Yes, he failed. A lot.
Especially in his early days.
Did you know the following about David Bowie?
- In the 1960s he released nine singles which failed to chart before Space Oddity made it into the top five in the UK.
- Those singles were with 3 different bands and he sang with several others during this time.
- In 1965 his band, The Lower Third, auditioned for the BBC. They received the following scathing feedback:
“Routine beat group. Strange choice of material. Amateur sounding vocalist who sings wrong notes and out of tune. Group has nothing to recommend it. I don’t think the group will get better with more rehearsal. The singer is a cockney type but not outstanding enough. Singer is devoid of personality.”
- Even after Space Oddity his next six singles didn’t hit the charts. Changes was one of these, despite it later becoming one of his best-known songs.

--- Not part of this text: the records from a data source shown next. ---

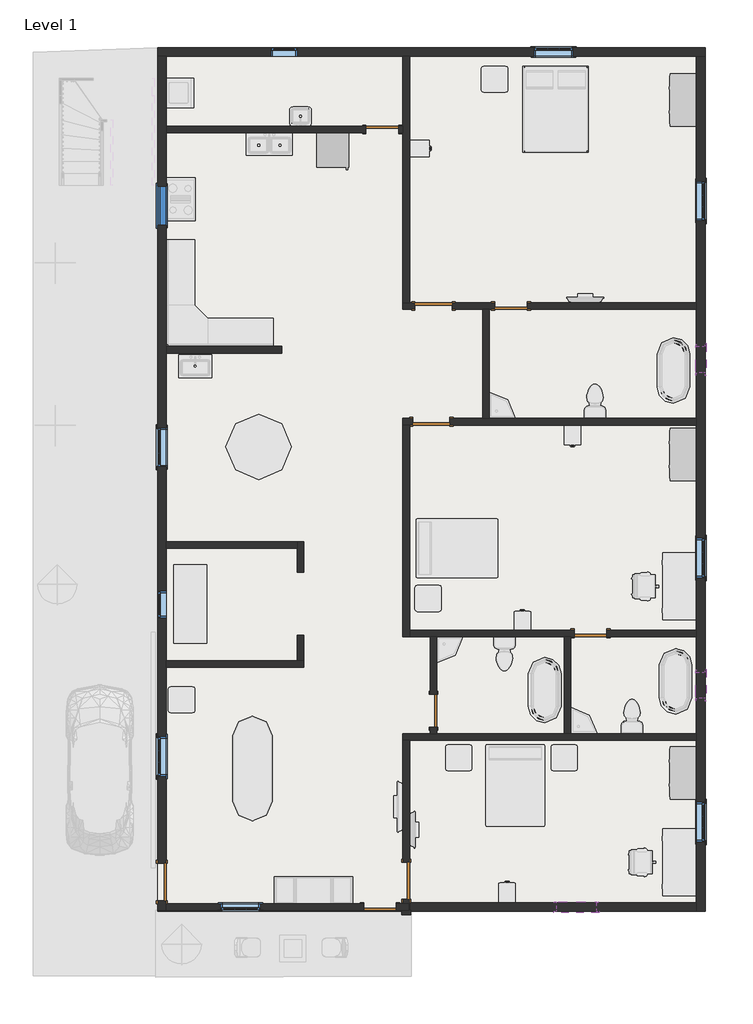
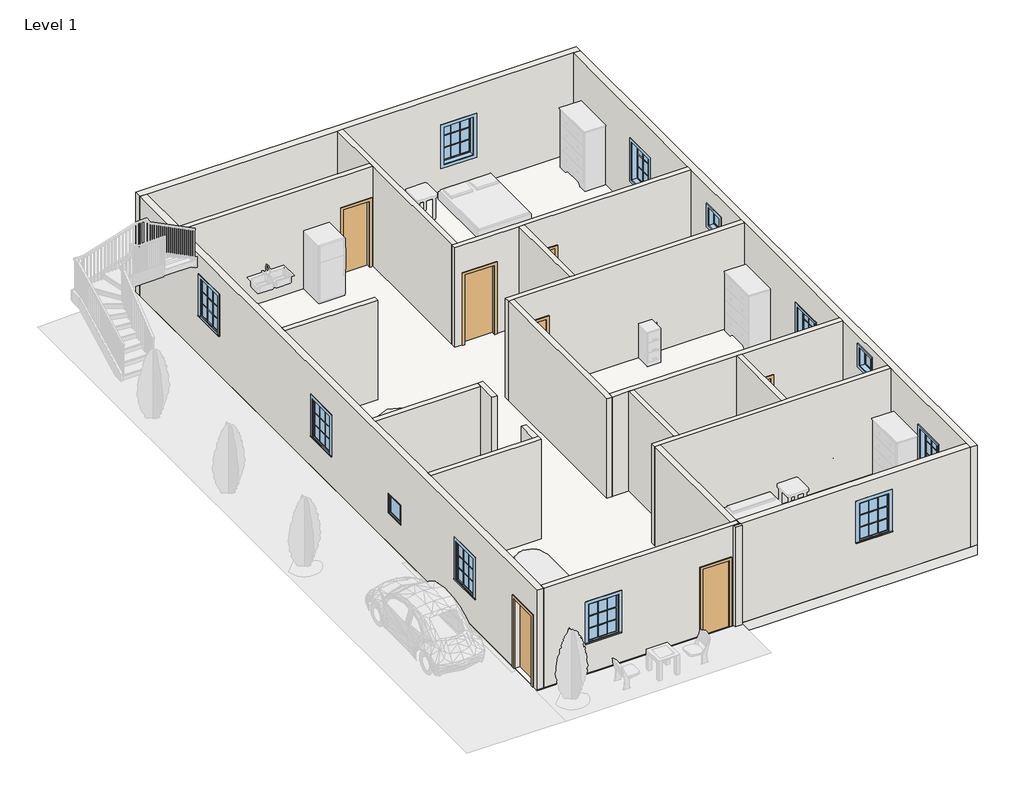
# One storey, part 1 of 3: 22 walls, 13 windows, 9 doors, 1 slab.
"""IFC4 building model written with IfcOpenShell, lengths in millimetres."""

from ifc_helpers import new_model, si_unit, frame, origin, origin_with_axes, place, context, project, spatial, polyline, outline, extrude, faceted_brep, transform, mapped, element, save
from components import door_059fdd7e, door_255cab33, door_99d96fc5, door_b6e9fca3, door_f75d31f8, window_29c06734, window_5c190c7e, window_6846e476, window_e41d21a6

model = new_model("IFC4")

# Units and contexts
model_context = context("Model", 3, world=origin())
ifc_project = project(units=[si_unit("LENGTHUNIT", "METRE", prefix="MILLI")], contexts=[model_context])

# Site, building, storey
site = spatial("IfcSite", under=ifc_project)
building = spatial("IfcBuilding", under=site)
storey = spatial("IfcBuildingStorey", under=building, Name="Level 1", Elevation=0.0)

# Doors
placement = place(None, origin())
door_shape = door_059fdd7e(model_context)
element("IfcDoor", 1, ObjectType="Single-Flush : 30\" x 80\"", at=placement, inside=storey, context=model_context, shape_type="MappedRepresentation", body=[
    mapped(door_shape, transform((-5854.9357228, 12907.8620171, 0.0), x_axis=(1.0, 0.0, 0.0), y_axis=(0.0, 1.0, 0.0), z_axis=(0.0, 0.0, 1.0))),
])
element("IfcDoor", 2, ObjectType="Single-Flush : 30\" x 80\"", at=placement, inside=storey, context=model_context, shape_type="MappedRepresentation", body=[
    mapped(door_shape, transform((-2857.7357228, 8793.0620171, 0.0), x_axis=(-1.0, 0.0, 0.0), y_axis=(0.0, -1.0, 0.0), z_axis=(0.0, 0.0, 1.0))),
])
element("IfcDoor", 3, ObjectType="Single-Flush : 30\" x 80\"", at=placement, inside=storey, context=model_context, shape_type="MappedRepresentation", body=[
    mapped(door_shape, transform((-4661.1357228, -630.3379829, 0.0), x_axis=(0.0, -1.0, 0.0), y_axis=(1.0, 0.0, 0.0), z_axis=(0.0, 0.0, 1.0))),
])
element("IfcDoor", 4, ObjectType="Single-Flush : 30\" x 80\"", at=placement, inside=storey, context=model_context, shape_type="MappedRepresentation", body=[
    mapped(door_shape, transform((-1003.5357228, 1173.0620171, 0.0), x_axis=(-1.0, 0.0, 0.0), y_axis=(0.0, -1.0, 0.0), z_axis=(0.0, 0.0, 1.0))),
])
door_2_shape = door_255cab33(model_context)
element("IfcDoor", 5, ObjectType="Single-Flush : 30\" x 80\"", at=placement, inside=storey, context=model_context, shape_type="MappedRepresentation", body=[
    mapped(door_2_shape, transform((-5905.7357228, -5202.3379829, 0.0), x_axis=(1.0, 0.0, 0.0), y_axis=(0.0, 1.0, 0.0), z_axis=(0.0, 0.0, 1.0))),
])
door_3_shape = door_99d96fc5(model_context)
element("IfcDoor", 6, ObjectType="Single-Flush : 34\" x 84\"", at=placement, inside=storey, context=model_context, shape_type="MappedRepresentation", body=[
    mapped(door_3_shape, transform((-4661.1357228, 8793.0620171, 0.0), x_axis=(-1.0, 0.0, 0.0), y_axis=(0.0, -1.0, 0.0), z_axis=(0.0, 0.0, 1.0))),
])
door_4_shape = door_b6e9fca3(model_context)
element("IfcDoor", 7, ObjectType="Single-Flush : 34\" x 84\"", at=placement, inside=storey, context=model_context, shape_type="MappedRepresentation", body=[
    mapped(door_4_shape, transform((-4711.9357228, 6100.6620171, 0.0), x_axis=(-1.0, 0.0, 0.0), y_axis=(0.0, -1.0, 0.0), z_axis=(0.0, 0.0, 1.0))),
])
element("IfcDoor", 8, ObjectType="Single-Flush : 34\" x 84\"", at=placement, inside=storey, context=model_context, shape_type="MappedRepresentation", body=[
    mapped(door_4_shape, transform((-5296.1357228, -4592.7379829, 0.0), x_axis=(0.0, -1.0, 0.0), y_axis=(1.0, 0.0, 0.0), z_axis=(0.0, 0.0, 1.0))),
])
door_5_shape = door_f75d31f8(model_context)
element("IfcDoor", 9, ObjectType="Single-Flush : 34\" x 84\"", at=placement, inside=storey, context=model_context, shape_type="MappedRepresentation", body=[
    mapped(door_5_shape, transform((-10985.7357228, -4618.1379829, 0.0), x_axis=(0.0, -1.0, 0.0), y_axis=(1.0, 0.0, 0.0), z_axis=(0.0, 0.0, 1.0))),
])

# Slab
element("IfcSlab", 10, ObjectType="Generic - 12\"", at=placement, inside=storey, context=model_context, shape_type="SweptSolid", body=[
    extrude(outline(polyline([(1663.4642772, 14812.8620171), (1663.4642772, -5227.7379829), (1663.4642772, -5303.9379829), (-11087.3357228, -5303.9379829), (-11087.3357228, 14812.8620171), (1663.4642772, 14812.8620171)])), frame((0.0, 0.0, -304.8), z_axis=(0.0, 0.0, 1.0), x_axis=(1.0, 0.0, 0.0)), (0.0, 0.0, 1.0), 304.8),
])

# Walls
element("IfcWall", 11, ObjectType="Generic - 8\"", at=placement, inside=storey, context=model_context, shape_type="Brep", body=[
    faceted_brep([(-11087.3357228, 14609.6620171, 0.0), (-10884.1357228, 14609.6620171, 0.0), (-5372.3357228, 14609.6620171, 0.0), (-5219.9357228, 14609.6620171, 0.0), (1460.2642772, 14609.6620171, 0.0), (1663.4642772, 14609.6620171, 0.0), (1663.4642772, 14609.6620171, 3048.0), (1460.2642772, 14609.6620171, 3048.0), (-5219.9357228, 14609.6620171, 3048.0), (-5372.3357228, 14609.6620171, 3048.0), (-10884.1357228, 14609.6620171, 3048.0), (-11087.3357228, 14609.6620171, 3048.0), (-1409.9357228, 14609.6620171, 2133.6), (-1409.9357228, 14609.6620171, 914.4), (-2324.3357228, 14609.6620171, 914.4), (-2324.3357228, 14609.6620171, 2133.6), (-7836.1357228, 14609.6620171, 1524.0), (-7836.1357228, 14609.6620171, 914.4), (-8445.7357228, 14609.6620171, 914.4), (-8445.7357228, 14609.6620171, 1524.0), (-11087.3357228, 14812.8620171, 0.0), (-11087.3357228, 14812.8620171, 3048.0), (1663.4642772, 14812.8620171, 3048.0), (1663.4642772, 14812.8620171, 0.0), (-1409.9357228, 14812.8620171, 2133.6), (-2324.3357228, 14812.8620171, 2133.6), (-2324.3357228, 14812.8620171, 914.4), (-1409.9357228, 14812.8620171, 914.4), (-7836.1357228, 14812.8620171, 1524.0), (-8445.7357228, 14812.8620171, 1524.0), (-8445.7357228, 14812.8620171, 914.4), (-7836.1357228, 14812.8620171, 914.4)], [[[0, 1, 2, 3, 4, 5, 6, 7, 8, 9, 10, 11], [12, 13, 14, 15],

- Even though Space Oddity was his break through single the album the album initially flopped. His previous and first album, David Bowie, also failed to chart.
- His next two albums after Space Oddity (The Man Who Sold The World and Hunky Dory) sold badly on release.
- He played Glastonbury in 1971 and was given the 5.30am slot. Despite only having a small audience to begin with, gradually people woke up their friends and came and listened. This was a turning point for him in doing gigs and he thanked the audience for listening because he had died a death in so many of his early performances.
Success doesn’t just happen
It usually follows a lot of failure, experimentation, persistence and most of all, grit.
David Bowie was an experimenter and was influenced by everything from Broadway songs to Led Zeppelin. By his own admission it took him years to find his own voice and sound. In the 1960s he also studied and performed mime and dance, often to empty venues. At one point he had a job cleaning kitchens as he needed work that was flexible to allow him to go to auditions if one came up.
What can we learn from this?
Failure is inevitable. We have to work hard at our art. We have to keep developing our unique voice and we do this by continually producing work even when our work isn’t received in the way we would like.
Imagine if David Bowie had given up after his first record had flopped or if, when he received that feedback from the BBC, he decided he had no future in music.
He had belief in himself and kept going. He had belief that he could be a world class act even when events didn’t suggest that.
As artists we must learn from our failures and keep producing.